Later that year, he had his first large-scale musical collaboration with symphonic composer Ferde Grofe on their patriotic cantata, Uncle Sam Stands Up.

====Jewishness====

Hecht claimed that he had never experienced anti-Semitism in his life, and claimed to have had little to do with Judaism, but "was drawn back to the Lower East Side late in life and lived for a while on Henry Street, where he could absorb the energy and social consciousness of the ghetto", wrote author Sanford Sternlicht. In 1931, he published a novel, A Jew in Love, for which he was called a "self-hating Jew", and which has been analysed as a product of a generation of Jewish writers seeking to escape their parent's immigrant past.

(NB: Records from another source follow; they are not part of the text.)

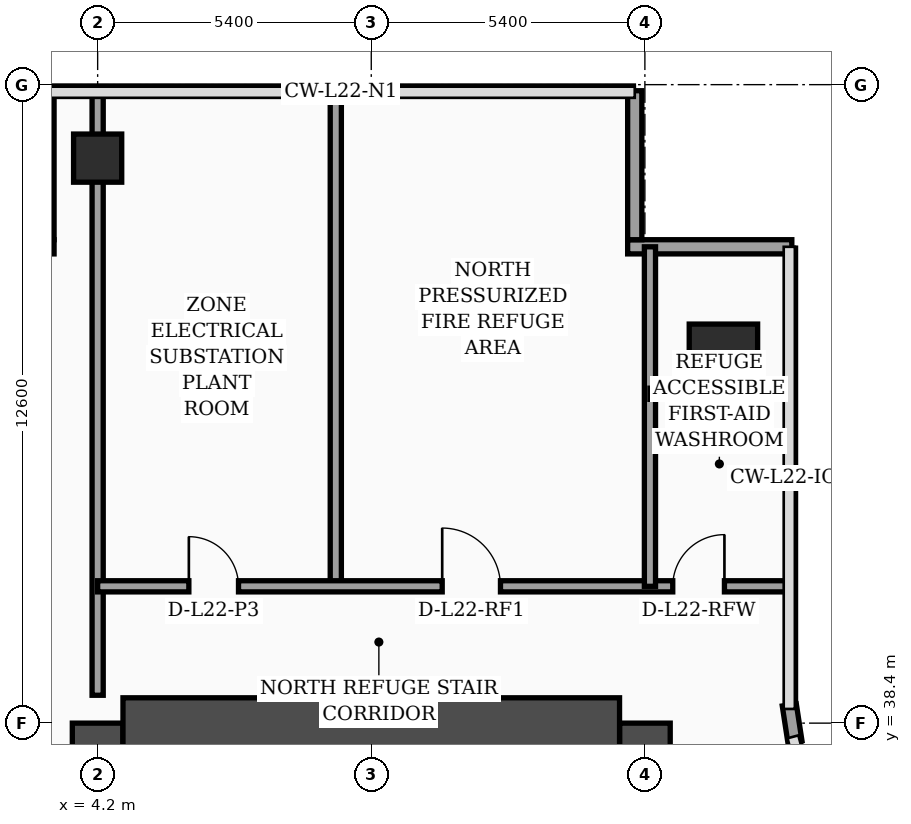
"""IFC4 building model, lengths in metres.
Left out: names, types, materials, properties, quantities, classifications, styles, units other than length and angle.
Written with IfcOpenShell. Run it as: python <this file> out.ifc"""

import sys

from ifc_helpers import new_model, si_unit, direction, frame, frame_2d, origin, origin_2d, place, context, subcontext, project, spatial, rectangle, hollow_rectangle, extrude, element, fill, save


model = new_model("IFC4")
c1 = context("Model", 3, precision=1e-05, world=origin(), true_north=direction((0.0, 1.0)))
c2 = subcontext(c1, "Body", "Model", "MODEL_VIEW")
j1 = project(units=[si_unit("LENGTHUNIT", "METRE"), si_unit("PLANEANGLEUNIT", "RADIAN")], contexts=[c1])
p1 = place(None, origin())
s1 = spatial("IfcSite", under=j1, at=p1, CompositionType="ELEMENT")
p2 = place(p1, origin())
s2 = spatial("IfcBuilding", under=s1, at=p2, CompositionType="ELEMENT")
p3 = place(p2, frame((0.0, 0.0, 92.6)))
s3 = spatial("IfcBuildingStorey", under=s2, at=p3, CompositionType="ELEMENT", Elevation=92.6)
p4 = place(p3, frame((4.2, 16.8, 0.0), z_axis=(0.0, 0.0, 1.0), x_axis=(0.0, 1.0, 0.0)))
e1 = element("IfcWall", 1, at=p4, inside=s3, PredefinedType="SHEAR", context=c2, shape_type="SweptSolid", body=[
    extrude(rectangle(XDim=21.6, YDim=1.0, at=frame_2d((10.8, 0.0))), origin(), (0.0, 0.0, 1.0), 4.35),
])
p5 = place(p3, frame((15.0, 16.8, 0.0), z_axis=(0.0, 0.0, 1.0), x_axis=(0.0, 1.0, 0.0)))
e2 = element("IfcWall", 2, at=p5, inside=s3, PredefinedType="SHEAR", context=c2, shape_type="SweptSolid", body=[
    extrude(rectangle(XDim=21.6, YDim=1.0, at=frame_2d((10.8, 0.0))), origin(), (0.0, 0.0, 1.0), 4.35),
])
p6 = place(p5, frame((8.65, 0.0, 0.0)))
e3 = element("IfcOpeningElement", 3, at=p6, cuts=e2, PredefinedType="OPENING", context=c2, shape_type="SweptSolid", body=[
    extrude(rectangle(XDim=1.1, YDim=2.2, at=frame_2d((0.55, 1.1))), frame((0.0, 0.51, 0.0), z_axis=(0.0, -1.0, 0.0), x_axis=(1.0, 0.0, 0.0)), (0.0, 0.0, 1.0), 1.02),
])
p7 = place(p5, frame((1.25, 0.0, 0.0)))
e4 = element("IfcOpeningElement", 4, at=p7, cuts=e2, PredefinedType="OPENING", context=c2, shape_type="SweptSolid", body=[
    extrude(rectangle(XDim=1.1, YDim=2.2, at=frame_2d((0.55, 1.1))), frame((0.0, 0.51, 0.0), z_axis=(0.0, -1.0, 0.0), x_axis=(1.0, 0.0, 0.0)), (0.0, 0.0, 1.0), 1.02),
])
p8 = place(p5, frame((3.8, 0.0, 0.0)))
e5 = element("IfcOpeningElement", 5, at=p8, cuts=e2, PredefinedType="OPENING", context=c2, shape_type="SweptSolid", body=[
    extrude(rectangle(XDim=1.1, YDim=2.2, at=frame_2d((0.55, 1.1))), frame((0.0, 0.51, 0.0), z_axis=(0.0, -1.0, 0.0), x_axis=(1.0, 0.0, 0.0)), (0.0, 0.0, 1.0), 1.02),
])
p9 = place(p5, frame((6.35, 0.0, 0.0)))
e6 = element("IfcOpeningElement", 6, at=p9, cuts=e2, PredefinedType="OPENING", context=c2, shape_type="SweptSolid", body=[
    extrude(rectangle(XDim=1.1, YDim=2.2, at=frame_2d((0.55, 1.1))), frame((0.0, 0.51, 0.0), z_axis=(0.0, -1.0, 0.0), x_axis=(1.0, 0.0, 0.0)), (0.0, 0.0, 1.0), 1.02),
])
p10 = place(p5, frame((10.85, 0.0, 0.0)))
e7 = element("IfcOpeningElement", 7, at=p10, cuts=e2, PredefinedType="OPENING", context=c2, shape_type="SweptSolid", body=[
    extrude(rectangle(XDim=1.1, YDim=2.2, at=frame_2d((0.55, 1.1))), frame((0.0, 0.51, 0.0), z_axis=(0.0, -1.0, 0.0), x_axis=(1.0, 0.0, 0.0)), (0.0, 0.0, 1.0), 1.02),
])
p11 = place(p5, frame((13.5, 0.0, 0.0)))
e8 = element("IfcOpeningElement", 8, at=p11, cuts=e2, PredefinedType="OPENING", context=c2, shape_type="SweptSolid", body=[
    extrude(rectangle(XDim=1.1, YDim=2.2, at=frame_2d((0.55, 1.1))), frame((0.0, 0.51, 0.0), z_axis=(0.0, -1.0, 0.0), x_axis=(1.0, 0.0, 0.0)), (0.0, 0.0, 1.0), 1.02),
])
p12 = place(p5, frame((16.15, 0.0, 0.0)))
e9 = element("IfcOpeningElement", 9, at=p12, cuts=e2, PredefinedType="OPENING", context=c2, shape_type="SweptSolid", body=[
    extrude(rectangle(XDim=1.1, YDim=2.2, at=frame_2d((0.55, 1.1))), frame((0.0, 0.51, 0.0), z_axis=(0.0, -1.0, 0.0), x_axis=(1.0, 0.0, 0.0)), (0.0, 0.0, 1.0), 1.02),
])
p13 = place(p3, frame((4.7, 38.4, 0.0), z_axis=(0.0, 0.0, 1.0), x_axis=(1.0, 0.0, 0.0)))
e10 = element("IfcWall", 10, at=p13, inside=s3, PredefinedType="SHEAR", context=c2, shape_type="SweptSolid", body=[
    extrude(rectangle(XDim=9.8, YDim=1.0, at=frame_2d((4.9, 0.0))), origin(), (0.0, 0.0, 1.0), 4.35),
])
p14 = place(p3, frame((4.2, 49.55, 0.0), z_axis=(0.0, 0.0, 1.0), x_axis=(1.0, 0.0, 0.0)))
e11 = element("IfcColumn", 11, at=p14, inside=s3, PredefinedType="COLUMN", context=c2, shape_type="SweptSolid", body=[
    extrude(hollow_rectangle(XDim=0.95, YDim=0.95, WallThickness=0.04, at=origin_2d()), origin(), (0.0, 0.0, 1.0), 4.35),
])
p15 = place(p3, frame((16.55, 45.6, 0.0), z_axis=(0.0, 0.0, 1.0), x_axis=(1.0, 0.0, 0.0)))
e12 = element("IfcColumn", 12, at=p15, inside=s3, PredefinedType="COLUMN", context=c2, shape_type="SweptSolid", body=[
    extrude(rectangle(XDim=1.35, YDim=1.35, at=origin_2d()), origin(), (0.0, 0.0, 1.0), 4.35),
])
p16 = place(p3, frame((17.962, 38.03, 0.0), z_axis=(0.0, 0.0, 1.0), x_axis=(-0.15141125477, 0.988470855377, 0.0)))
e13 = element("IfcWall", 13, at=p16, inside=s3, PredefinedType="SOLIDWALL", context=c2, shape_type="SweptSolid", body=[
    extrude(rectangle(XDim=0.739, YDim=0.28, at=frame_2d((0.369, 0.0))), origin(), (0.0, 0.0, 1.0), 4.35),
])
p17 = place(p3, frame((17.9, 47.8, 0.0), z_axis=(0.0, 0.0, 1.0), x_axis=(-1.0, 0.0, 0.0)))
e14 = element("IfcWall", 14, at=p17, inside=s3, PredefinedType="SOLIDWALL", context=c2, shape_type="SweptSolid", body=[
    extrude(rectangle(XDim=3.24, YDim=0.28, at=frame_2d((1.62, 0.0))), origin(), (0.0, 0.0, 1.0), 4.35),
])
p18 = place(p3, frame((14.8, 47.94, 0.0), z_axis=(0.0, 0.0, 1.0), x_axis=(0.0, 1.0, 0.0)))
e15 = element("IfcWall", 15, at=p18, inside=s3, PredefinedType="SOLIDWALL", context=c2, shape_type="SweptSolid", body=[
    extrude(rectangle(XDim=2.94, YDim=0.28, at=frame_2d((1.47, 0.0))), origin(), (0.0, 0.0, 1.0), 4.35),
])
p19 = place(p3, frame((3.2, 50.88, 0.0), z_axis=(0.0, 0.0, 1.0), x_axis=(0.0, -1.0, 0.0)))
e16 = element("IfcWall", 16, at=p19, inside=s3, PredefinedType="SOLIDWALL", context=c2, shape_type="SweptSolid", body=[
    extrude(rectangle(XDim=2.94, YDim=0.28, at=frame_2d((1.47, 0.0))), origin(), (0.0, 0.0, 1.0), 3.85),
])
p20 = place(p3, frame((3.34, 47.8, 0.0), z_axis=(0.0, 0.0, 1.0), x_axis=(-1.0, 0.0, 0.0)))
e17 = element("IfcWall", 17, at=p20, inside=s3, PredefinedType="SOLIDWALL", context=c2, shape_type="SweptSolid", body=[
    extrude(rectangle(XDim=3.22, YDim=0.28, at=frame_2d((1.61, 0.0))), origin(), (0.0, 0.0, 1.0), 3.85),
])
p21 = place(p3, frame((4.2, 38.95, 0.0), z_axis=(0.0, 0.0, 1.0), x_axis=(0.0, 1.0, 0.0)))
e18 = element("IfcWall", 18, at=p21, inside=s3, PredefinedType="SOLIDWALL", context=c2, shape_type="SweptSolid", body=[
    extrude(rectangle(XDim=11.99, YDim=0.22, at=frame_2d((5.995, 0.0))), origin(), (0.0, 0.0, 1.0), 3.65),
])
p22 = place(p3, frame((8.9, 41.1, 0.0), z_axis=(0.0, 0.0, 1.0), x_axis=(0.0, 1.0, 0.0)))
e19 = element("IfcWall", 19, at=p22, inside=s3, PredefinedType="SOLIDWALL", context=c2, shape_type="SweptSolid", body=[
    extrude(rectangle(XDim=9.84, YDim=0.22, at=frame_2d((4.92, 0.0))), origin(), (0.0, 0.0, 1.0), 3.85),
])
p23 = place(p3, frame((4.2, 41.1, 0.0), z_axis=(0.0, 0.0, 1.0), x_axis=(1.0, 0.0, 0.0)))
e20 = element("IfcWall", 20, at=p23, inside=s3, PredefinedType="SOLIDWALL", context=c2, shape_type="SweptSolid", body=[
    extrude(rectangle(XDim=13.65, YDim=0.22, at=frame_2d((6.825, 0.0))), origin(), (0.0, 0.0, 1.0), 3.65),
])
p24 = place(p23, frame((1.8, 0.0, 0.0)))
e21 = element("IfcOpeningElement", 21, at=p24, cuts=e20, PredefinedType="OPENING", context=c2, shape_type="SweptSolid", body=[
    extrude(rectangle(XDim=0.98, YDim=2.15, at=frame_2d((0.49, 1.075))), frame((0.0, 0.12, 0.0), z_axis=(0.0, -1.0, 0.0), x_axis=(1.0, 0.0, 0.0)), (0.0, 0.0, 1.0), 0.24),
])
p25 = place(p23, frame((6.8, 0.0, 0.0)))
e22 = element("IfcOpeningElement", 22, at=p25, cuts=e20, PredefinedType="OPENING", context=c2, shape_type="SweptSolid", body=[
    extrude(rectangle(XDim=1.15, YDim=2.2, at=frame_2d((0.575, 1.1))), frame((0.0, 0.12, 0.0), z_axis=(0.0, -1.0, 0.0), x_axis=(1.0, 0.0, 0.0)), (0.0, 0.0, 1.0), 0.24),
])
p26 = place(p23, frame((11.35, 0.0, 0.0)))
e23 = element("IfcOpeningElement", 23, at=p26, cuts=e20, PredefinedType="OPENING", context=c2, shape_type="SweptSolid", body=[
    extrude(rectangle(XDim=1.02, YDim=2.2, at=frame_2d((0.51, 1.1))), frame((0.0, 0.12, 0.0), z_axis=(0.0, -1.0, 0.0), x_axis=(1.0, 0.0, 0.0)), (0.0, 0.0, 1.0), 0.24),
])
p27 = place(p3, frame((15.1, 41.1, 0.0), z_axis=(0.0, 0.0, 1.0), x_axis=(0.0, 1.0, 0.0)))
e24 = element("IfcWall", 24, at=p27, inside=s3, PredefinedType="SOLIDWALL", context=c2, shape_type="SweptSolid", body=[
    extrude(rectangle(XDim=6.7, YDim=0.22, at=frame_2d((3.35, 0.0))), origin(), (0.0, 0.0, 1.0), 3.65),
])
p28 = place(p3, frame((15.1, 44.9, 0.0), z_axis=(0.0, 0.0, 1.0), x_axis=(1.0, 0.0, 0.0)))
e25 = element("IfcWall", 25, at=p28, inside=s3, PredefinedType="SOLIDWALL", context=c2, shape_type="SweptSolid", body=[
    extrude(rectangle(XDim=2.75, YDim=0.22, at=frame_2d((1.375, 0.0))), origin(), (0.0, 0.0, 1.0), 3.65),
])
p29 = place(p24, origin())
e26 = element("IfcDoor", 26, at=p29, inside=s3, OperationType="SINGLE_SWING_LEFT", PredefinedType="DOOR", context=c2, shape_type="SweptSolid", body=[
    extrude(rectangle(XDim=0.98, YDim=2.15, at=frame_2d((0.49, 1.075))), frame((0.0, 0.025, 0.0), z_axis=(0.0, -1.0, 0.0), x_axis=(1.0, 0.0, 0.0)), (0.0, 0.0, 1.0), 0.05),
])
fill(e21, e26)
p30 = place(p25, origin())
e27 = element("IfcDoor", 27, at=p30, inside=s3, OperationType="SINGLE_SWING_LEFT", PredefinedType="DOOR", context=c2, shape_type="SweptSolid", body=[
    extrude(rectangle(XDim=1.15, YDim=2.2, at=frame_2d((0.575, 1.1))), frame((0.0, 0.025, 0.0), z_axis=(0.0, -1.0, 0.0), x_axis=(1.0, 0.0, 0.0)), (0.0, 0.0, 1.0), 0.05),
])
fill(e22, e27)
p31 = place(p26, origin())
e28 = element("IfcDoor", 28, at=p31, inside=s3, OperationType="SINGLE_SWING_RIGHT", PredefinedType="DOOR", context=c2, shape_type="SweptSolid", body=[
    extrude(rectangle(XDim=1.02, YDim=2.2, at=frame_2d((0.51, 1.1))), frame((0.0, 0.025, 0.0), z_axis=(0.0, -1.0, 0.0), x_axis=(1.0, 0.0, 0.0)), (0.0, 0.0, 1.0), 0.05),
])
fill(e23, e28)
save(model, sys.argv[1])

His indifference to Jewish issues changed when he met Peter Bergson, who was drumming up American assistance for the Zionist group Irgun. Hecht wrote in his book, Perfidy, that he used to be a scriptwriter until his meeting with Bergson, when he accidentally bumped into history: that is, the burning need to do anything possible to save the doomed Jews of Europe (paraphrase from Perfidy). As Hecht relates it in A Child of the Century, he didn't feel particularly Jewish in his daily life until Bergson shook him out of his assimilated complacency: Bergson invited Hecht to ask three close friends whether, in their opinion, Hecht was an American or a Jew. All three replied that he was a Jew. (This is incorrect; in his book, A Child of the Century, Hecht says that he used that line to convince David Selznick to sponsor a mass meeting at the Hollywood canteen.)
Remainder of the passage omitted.